A remarkable and recently discovered swallow-tailed butterfly.
The third family is represented in Britain by three very distinct sections of rather small butterflies, the largest of which scarcely measures more than an inch and a half across the wings. These are the Hair-streaks (brown, with light lines on the under surface of the wings, and a short tail on the hind wings, except in the Green Hair-streak, so named from the green under surface of the wings); the small Blue Butterflies, which generally have brown females; and the Coppers, the only common species of which measures about an inch across the wings. The fore wings are bright coppery red, with dark brown spots and borders, and the hind wings are dark brown, with a coppery red border, spotted outside with black. The small copper butterfly and some of the blues are common in meadows and gardens.

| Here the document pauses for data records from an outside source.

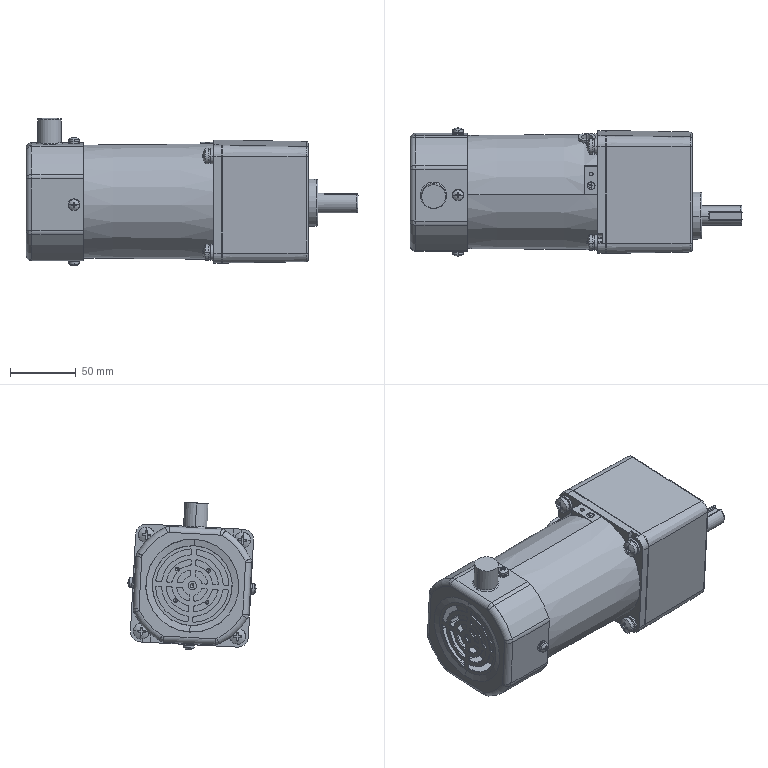Component | SolidWorks | StepperMotor-2 | 28 solids | 856 faces | volume 1251164 mm3 | cylinder 405 | plane 307 | cone 54 | torus 48 | sphere 24 | spline 18 | commonest cylinder face diameters 2 x53 0.6 x32 9 x25 4.3 x24 12 x22 4.4 x16 6.6 x16 4 x16
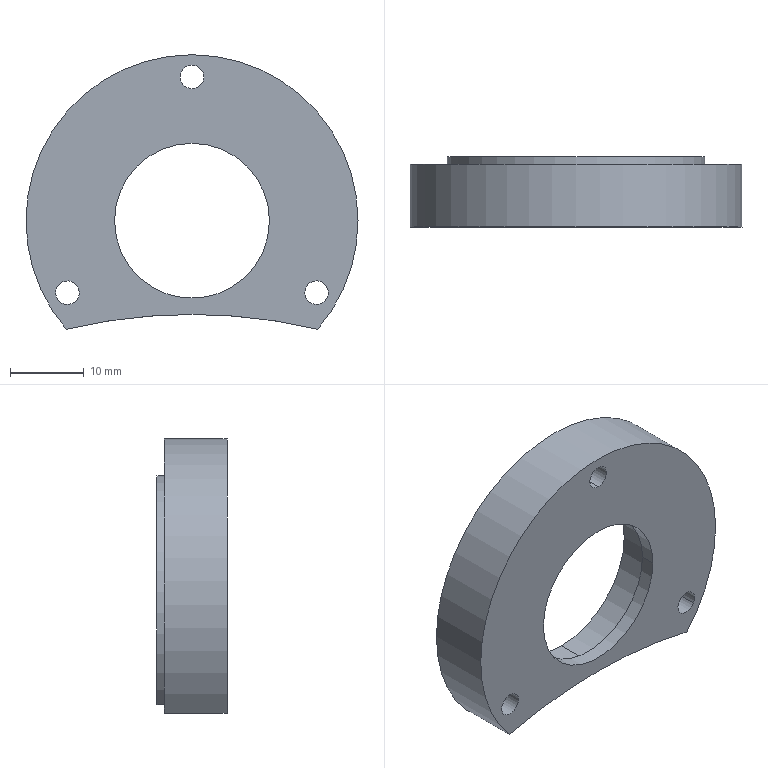CAM job | Mastercam | mm | 3 operations | part box 45 x 9.5 x 37.2
1. Contour (Ramp) | 13 - 16 平铣刀
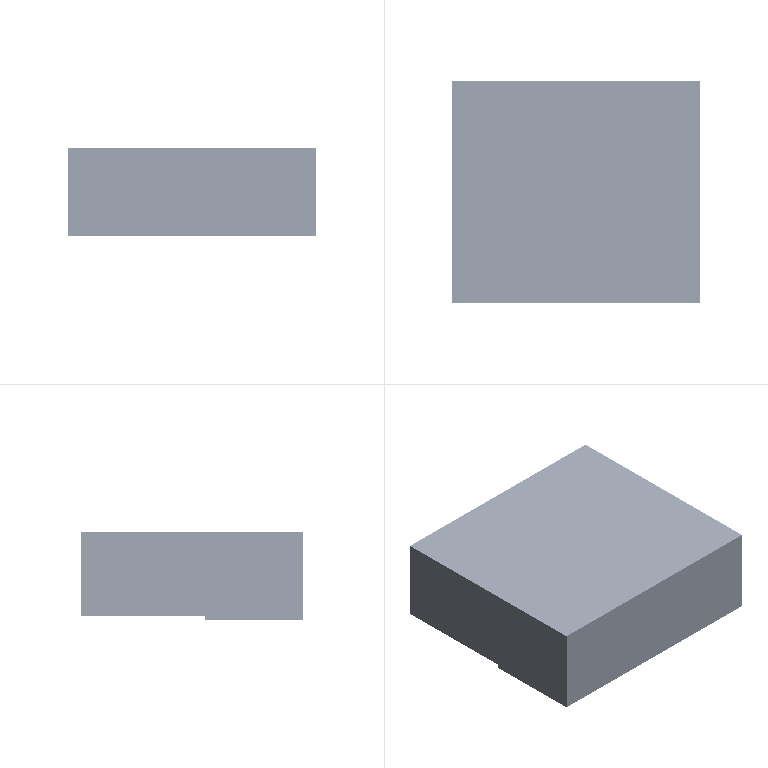2. Contour (2D) | 10 - 10 平铣刀
3. Drill/Counterbore | 5 - 4 倒角刀

Many of the members of the fourth family are of a white or yellow colour, among which are the destructive White Cabbage-butterflies, three species of which are very common in England, where they may be seen in every garden throughout the summer. The photograph on page [716] represents one of these at rest. A prettier species is the Orange-tip, which is common in spring. The underside of the hind wings is mottled with green; and there is a bright orange spot before the tip of the fore wing, both above and below. Some of the South American butterflies of this family much resemble the Long-winged Butterflies of the same country.
Photo by W. Saville-Kent, F.Z.S., Milford-on-Sea.
AUSTRALIAN BUTTERFLIES.
Emerging from their pupæ.
The family of the Swallow-tailed Butterflies includes a considerable number of large and handsome species, but they are not numerous in Europe, and only one black-and-yellow species, measuring 3 inches across the wings, is found in England, where it is now almost confined to the fens of the south-eastern counties; its green caterpillar, with transverse black bands spotted with orange, feeds on carrot, fennel, and other similar plants. All the caterpillars of this family are remarkable for possessing a retractile fork on the neck; but the butterflies do not all possess the long appendage to the hind wings which has given some of them the name of Swallow-tails. Thus it is wanting in most of the great Bird-winged Butterflies of the Eastern Islands, one of which, the Crœsus Butterfly, is represented in the Coloured Plate. The great difference between the sexes is well worth noting. The female is considerably larger than the male, but in the coloured figure the former has been reduced, owing to the exigencies of space. Mr. A. R. Wallace writes as follows of the capture of the first specimen:—
Photo by J. Edwards] [Colesborne.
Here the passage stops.